Overdraft Fees Collected by Big Banks Spiked in 2017

WASHINGTON (CN) – Large banks collected $10 million more in overdraft fees in 2017, according to recently released data from the Federal Deposit Insurance Corporation.

The data show that the largest banks charged customers $11.45 billion in overdraft and other similar fees, though the increase is not as steep as the $260 million increase in 2016.

According to a study released today by the Center for Responsible Lending, the FDIC data show nearly 1 million bank account holders have closed their accounts due to high or unpredictable fees.

The study also found some of the top 10 largest banks still charge sustained or extended overdraft fees in addition to per-transaction fees, or use high-to-low transaction processing for certain debit transactions among other potentially abusive practices.

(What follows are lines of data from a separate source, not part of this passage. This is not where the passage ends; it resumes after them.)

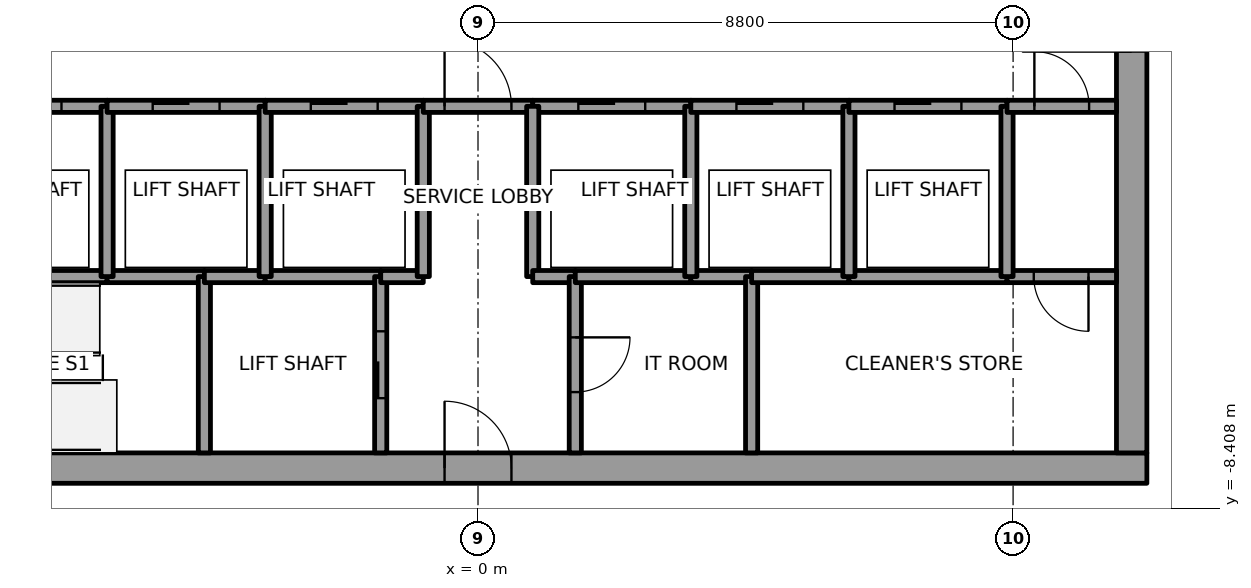
"""IFC4 building model, lengths in metres.
Left out: names, types, materials, properties, quantities, classifications, styles, units other than length and angle.
Written with IfcOpenShell. Run it as: python <this file> out.ifc"""

import sys

from ifc_helpers import new_model, si_unit, direction, frame, frame_2d, origin, place, context, subcontext, project, spatial, rectangle, extrude, element, fill, save


model = new_model("IFC4")
c1 = context("Model", 3, precision=1e-05, world=origin(), true_north=direction((0.0, 1.0)))
c2 = subcontext(c1, "Body", "Model", "MODEL_VIEW")
j1 = project(units=[si_unit("LENGTHUNIT", "METRE"), si_unit("PLANEANGLEUNIT", "RADIAN")], contexts=[c1])
p1 = place(None, origin())
s1 = spatial("IfcSite", under=j1, at=p1, CompositionType="ELEMENT")
p2 = place(p1, origin())
s2 = spatial("IfcBuilding", under=s1, at=p2, CompositionType="ELEMENT")
p3 = place(p2, frame((0.0, 0.0, 315.0)))
s3 = spatial("IfcBuildingStorey", under=s2, at=p3, CompositionType="ELEMENT", Elevation=315.0)
p4 = place(p3, frame((-11.0, -7.75, 0.0), z_axis=(0.0, 0.0, 1.0), x_axis=(1.0, 0.0, 0.0)))
e1 = element("IfcWall", 1, at=p4, inside=s3, PredefinedType="SHEAR", context=c2, shape_type="SweptSolid", body=[
    extrude(rectangle(XDim=22.0, YDim=0.5, at=frame_2d((11.0, 0.0))), origin(), (0.0, 0.0, 1.0), 4.0),
])
p5 = place(p4, frame((10.45, 0.0, 0.0)))
e2 = element("IfcOpeningElement", 2, at=p5, cuts=e1, PredefinedType="OPENING", context=c2, shape_type="SweptSolid", body=[
    extrude(rectangle(XDim=1.1, YDim=2.1, at=frame_2d((0.55, 1.05))), frame((0.0, 0.25, 0.0), z_axis=(0.0, -1.0, 0.0), x_axis=(1.0, 0.0, 0.0)), (0.0, 0.0, 1.0), 0.5),
])
p6 = place(p3, frame((10.75, -7.5, 0.0), z_axis=(0.0, 0.0, 1.0), x_axis=(0.0, 1.0, 0.0)))
e3 = element("IfcWall", 3, at=p6, inside=s3, PredefinedType="SHEAR", context=c2, shape_type="SweptSolid", body=[
    extrude(rectangle(XDim=15.0, YDim=0.5, at=frame_2d((7.5, 0.0))), origin(), (0.0, 0.0, 1.0), 4.0),
])
p7 = place(p6, frame((6.6, 0.0, 0.0)))
e4 = element("IfcOpeningElement", 4, at=p7, cuts=e3, PredefinedType="OPENING", context=c2, shape_type="SweptSolid", body=[
    extrude(rectangle(XDim=1.8, YDim=2.1, at=frame_2d((0.9, 1.05))), frame((0.0, 0.25, 0.0), z_axis=(0.0, -1.0, 0.0), x_axis=(1.0, 0.0, 0.0)), (0.0, 0.0, 1.0), 0.5),
])
p8 = place(p3, frame((-8.7, -4.6, 0.0), z_axis=(0.0, 0.0, 1.0), x_axis=(1.0, 0.0, 0.0)))
e5 = element("IfcWall", 5, at=p8, inside=s3, PredefinedType="SOLIDWALL", context=c2, shape_type="SweptSolid", body=[
    extrude(rectangle(XDim=2.6, YDim=0.2, at=frame_2d((1.3, 0.0))), origin(), (0.0, 0.0, 1.0), 3.85),
])
p9 = place(p3, frame((-8.7, -1.8, 0.0), z_axis=(0.0, 0.0, 1.0), x_axis=(1.0, 0.0, 0.0)))
e6 = element("IfcWall", 6, at=p9, inside=s3, PredefinedType="SOLIDWALL", context=c2, shape_type="SweptSolid", body=[
    extrude(rectangle(XDim=2.6, YDim=0.2, at=frame_2d((1.3, 0.0))), origin(), (0.0, 0.0, 1.0), 3.85),
])
p10 = place(p9, frame((0.75, 0.0, 0.0)))
e7 = element("IfcOpeningElement", 7, at=p10, cuts=e6, PredefinedType="OPENING", context=c2, shape_type="SweptSolid", body=[
    extrude(rectangle(XDim=1.1, YDim=2.1, at=frame_2d((0.55, 1.05))), frame((0.0, 0.1, 0.0), z_axis=(0.0, -1.0, 0.0), x_axis=(1.0, 0.0, 0.0)), (0.0, 0.0, 1.0), 0.2),
])
p11 = place(p3, frame((-6.1, -4.6, 0.0), z_axis=(0.0, 0.0, 1.0), x_axis=(1.0, 0.0, 0.0)))
e8 = element("IfcWall", 8, at=p11, inside=s3, PredefinedType="SOLIDWALL", context=c2, shape_type="SweptSolid", body=[
    extrude(rectangle(XDim=1.6, YDim=0.2, at=frame_2d((0.8, 0.0))), origin(), (0.0, 0.0, 1.0), 3.85),
])
p12 = place(p3, frame((-6.1, -4.6, 0.0), z_axis=(0.0, 0.0, 1.0), x_axis=(0.0, 1.0, 0.0)))
e9 = element("IfcWall", 9, at=p12, inside=s3, PredefinedType="SOLIDWALL", context=c2, shape_type="SweptSolid", body=[
    extrude(rectangle(XDim=2.8, YDim=0.2, at=frame_2d((1.4, 0.0))), origin(), (0.0, 0.0, 1.0), 3.85),
])
p13 = place(p3, frame((-6.1, -1.8, 0.0), z_axis=(0.0, 0.0, 1.0), x_axis=(1.0, 0.0, 0.0)))
e10 = element("IfcWall", 10, at=p13, inside=s3, PredefinedType="SOLIDWALL", context=c2, shape_type="SweptSolid", body=[
    extrude(rectangle(XDim=2.6, YDim=0.2, at=frame_2d((1.3, 0.0))), origin(), (0.0, 0.0, 1.0), 3.85),
])
p14 = place(p13, frame((0.75, 0.0, 0.0)))
e11 = element("IfcOpeningElement", 11, at=p14, cuts=e10, PredefinedType="OPENING", context=c2, shape_type="SweptSolid", body=[
    extrude(rectangle(XDim=1.1, YDim=2.1, at=frame_2d((0.55, 1.05))), frame((0.0, 0.1, 0.0), z_axis=(0.0, -1.0, 0.0), x_axis=(1.0, 0.0, 0.0)), (0.0, 0.0, 1.0), 0.2),
])
p15 = place(p3, frame((-4.5, -4.6, 0.0), z_axis=(0.0, 0.0, 1.0), x_axis=(0.0, -1.0, 0.0)))
e12 = element("IfcWall", 12, at=p15, inside=s3, PredefinedType="SOLIDWALL", context=c2, shape_type="SweptSolid", body=[
    extrude(rectangle(XDim=2.9, YDim=0.2, at=frame_2d((1.45, 0.0))), origin(), (0.0, 0.0, 1.0), 3.85),
])
p16 = place(p3, frame((-4.5, -4.6, 0.0), z_axis=(0.0, 0.0, 1.0), x_axis=(1.0, 0.0, 0.0)))
e13 = element("IfcWall", 13, at=p16, inside=s3, PredefinedType="SOLIDWALL", context=c2, shape_type="SweptSolid", body=[
    extrude(rectangle(XDim=1.0, YDim=0.2, at=frame_2d((0.5, 0.0))), origin(), (0.0, 0.0, 1.0), 3.85),
])
p17 = place(p3, frame((-3.5, -4.6, 0.0), z_axis=(0.0, 0.0, 1.0), x_axis=(1.0, 0.0, 0.0)))
e14 = element("IfcWall", 14, at=p17, inside=s3, PredefinedType="SOLIDWALL", context=c2, shape_type="SweptSolid", body=[
    extrude(rectangle(XDim=1.9, YDim=0.2, at=frame_2d((0.95, 0.0))), origin(), (0.0, 0.0, 1.0), 3.85),
])
p18 = place(p3, frame((-3.5, -4.6, 0.0), z_axis=(0.0, 0.0, 1.0), x_axis=(0.0, 1.0, 0.0)))
e15 = element("IfcWall", 15, at=p18, inside=s3, PredefinedType="SOLIDWALL", context=c2, shape_type="SweptSolid", body=[
    extrude(rectangle(XDim=2.8, YDim=0.2, at=frame_2d((1.4, 0.0))), origin(), (0.0, 0.0, 1.0), 3.85),
])
p19 = place(p3, frame((-3.5, -1.8, 0.0), z_axis=(0.0, 0.0, 1.0), x_axis=(1.0, 0.0, 0.0)))
e16 = element("IfcWall", 16, at=p19, inside=s3, PredefinedType="SOLIDWALL", context=c2, shape_type="SweptSolid", body=[
    extrude(rectangle(XDim=2.6, YDim=0.2, at=frame_2d((1.3, 0.0))), origin(), (0.0, 0.0, 1.0), 3.85),
])
p20 = place(p19, frame((0.75, 0.0, 0.0)))
e17 = element("IfcOpeningElement", 17, at=p20, cuts=e16, PredefinedType="OPENING", context=c2, shape_type="SweptSolid", body=[
    extrude(rectangle(XDim=1.1, YDim=2.1, at=frame_2d((0.55, 1.05))), frame((0.0, 0.1, 0.0), z_axis=(0.0, -1.0, 0.0), x_axis=(1.0, 0.0, 0.0)), (0.0, 0.0, 1.0), 0.2),
])
p21 = place(p3, frame((-1.6, -7.5, 0.0), z_axis=(0.0, 0.0, 1.0), x_axis=(0.0, 1.0, 0.0)))
e18 = element("IfcWall", 18, at=p21, inside=s3, PredefinedType="SOLIDWALL", context=c2, shape_type="SweptSolid", body=[
    extrude(rectangle(XDim=2.9, YDim=0.2, at=frame_2d((1.45, 0.0))), origin(), (0.0, 0.0, 1.0), 3.85),
])
p22 = place(p21, frame((0.9, 0.0, 0.0)))
e19 = element("IfcOpeningElement", 19, at=p22, cuts=e18, PredefinedType="OPENING", context=c2, shape_type="SweptSolid", body=[
    extrude(rectangle(XDim=1.1, YDim=2.1, at=frame_2d((0.55, 1.05))), frame((0.0, 0.1, 0.0), z_axis=(0.0, -1.0, 0.0), x_axis=(1.0, 0.0, 0.0)), (0.0, 0.0, 1.0), 0.2),
])
p23 = place(p3, frame((-1.6, -4.6, 0.0), z_axis=(0.0, 0.0, 1.0), x_axis=(1.0, 0.0, 0.0)))
e20 = element("IfcWall", 20, at=p23, inside=s3, PredefinedType="SOLIDWALL", context=c2, shape_type="SweptSolid", body=[
    extrude(rectangle(XDim=0.7, YDim=0.2, at=frame_2d((0.35, 0.0))), origin(), (0.0, 0.0, 1.0), 3.85),
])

“Over the last 15 to 20 years, many financial institutions have betrayed the trust of their account holders by replacing what was once an occasional accommodation with an exploitative system of routine high-cost overdraft fees that drive account holders deep into debt,” said Peter Smith, the CRL senior researcher who authored the report.

Smith said in an interview that the jump in overdraft fees is likely due to increased electronic banking by consumers and a greater focus on e-banking by banks. “It’s an easy way to make more volume for them, and it dovetails with their movement away from in-person personal relationship banking,” Smith said.

He added banks love overdraft fees because they’re often paid back within a week when account funds are replenished.  “It’s a loan with very little risk,” he said.

The FDIC collected data from large banks with at least $1 billion in assets but not credit unions. Data from smaller banks also is not published, which makes the total in nationwide overdraft fees likely much higher, Smith stated.

Banks and credit unions charge overdraft fees – as well as nonsufficient funds or overdraft protection fees – when customers do not have sufficient funds in their accounts for a transaction or withdrawal.

The fees usually range from $30 to $35 per overdraft transaction – often larger than the transaction that caused the overdraft – and are typically repaid within days.

For years watchdog groups have called for greater restrictions on overdraft fees, citing problems with disclosure and clusters of consumers who pay the lion’s share of the fees.

A 2016 study by the Pew Charitable Trusts called for greater consumer protections from overdraft fees, finding nearly 80 percent of studied large banks processed overdraft fees on ATM and debit point-of-sale transactions. The study also found service charges on deposit accounts have more than doubled in the past 30 years.

Regulators have started paying greater attention to the boom in fees, with the FDIC collecting and distributing data on large banks’ overdraft fees since 2015.

In 2017, the Consumer Financial Protection Bureau analyzed overdraft fees and found nearly 80 percent were paid by only 8 percent of bank customers.

Frequent overdrafters paid nearly $450 more in fees than other account holders, according to the study which was released as part of the agency’s Know Before You Owe program aimed at simplifying overdraft disclosures.

In response to the proposed disclosures, the American Banking Association claimed further restrictions could push more consumers, particularly those with poor credit scores, out of the banking system.

A 2014 white paper by the agency also found nearly 28 percent of checking accounts among a group of large banks were considered “heavy overdrafter,” with at least 10 overdraft transactions during the study period.

The agency also sued TCF National Bank last year, claiming the Minnesota-based bank tricked customers into thinking overdraft fees were mandatory when opening new accounts.

Former bureau director Richard Cordray said banks should be allowed to charge overdraft fees but likened some of the fees to extremely short-term loans with absurd interest rates sometimes as high as 17,000 percent.

Smith said he is happy the FDIC has kept reporting overdraft fee data but noted that since Cordray left the bureau has downgraded the issue to a lower priority on the agency’s agenda.

“They were putting out a lot of high-quality research and it is disappointing to see the issue abandoned,” Smith said.

Recent legislation could pick up the slack. Legislation introduced last week by Sens. Cory Booker, D-N.J., and Sherrod Brown, D-Ohio, would limit the size of overdraft fees and ban them outright for point-of-sale and ATM debit transactions.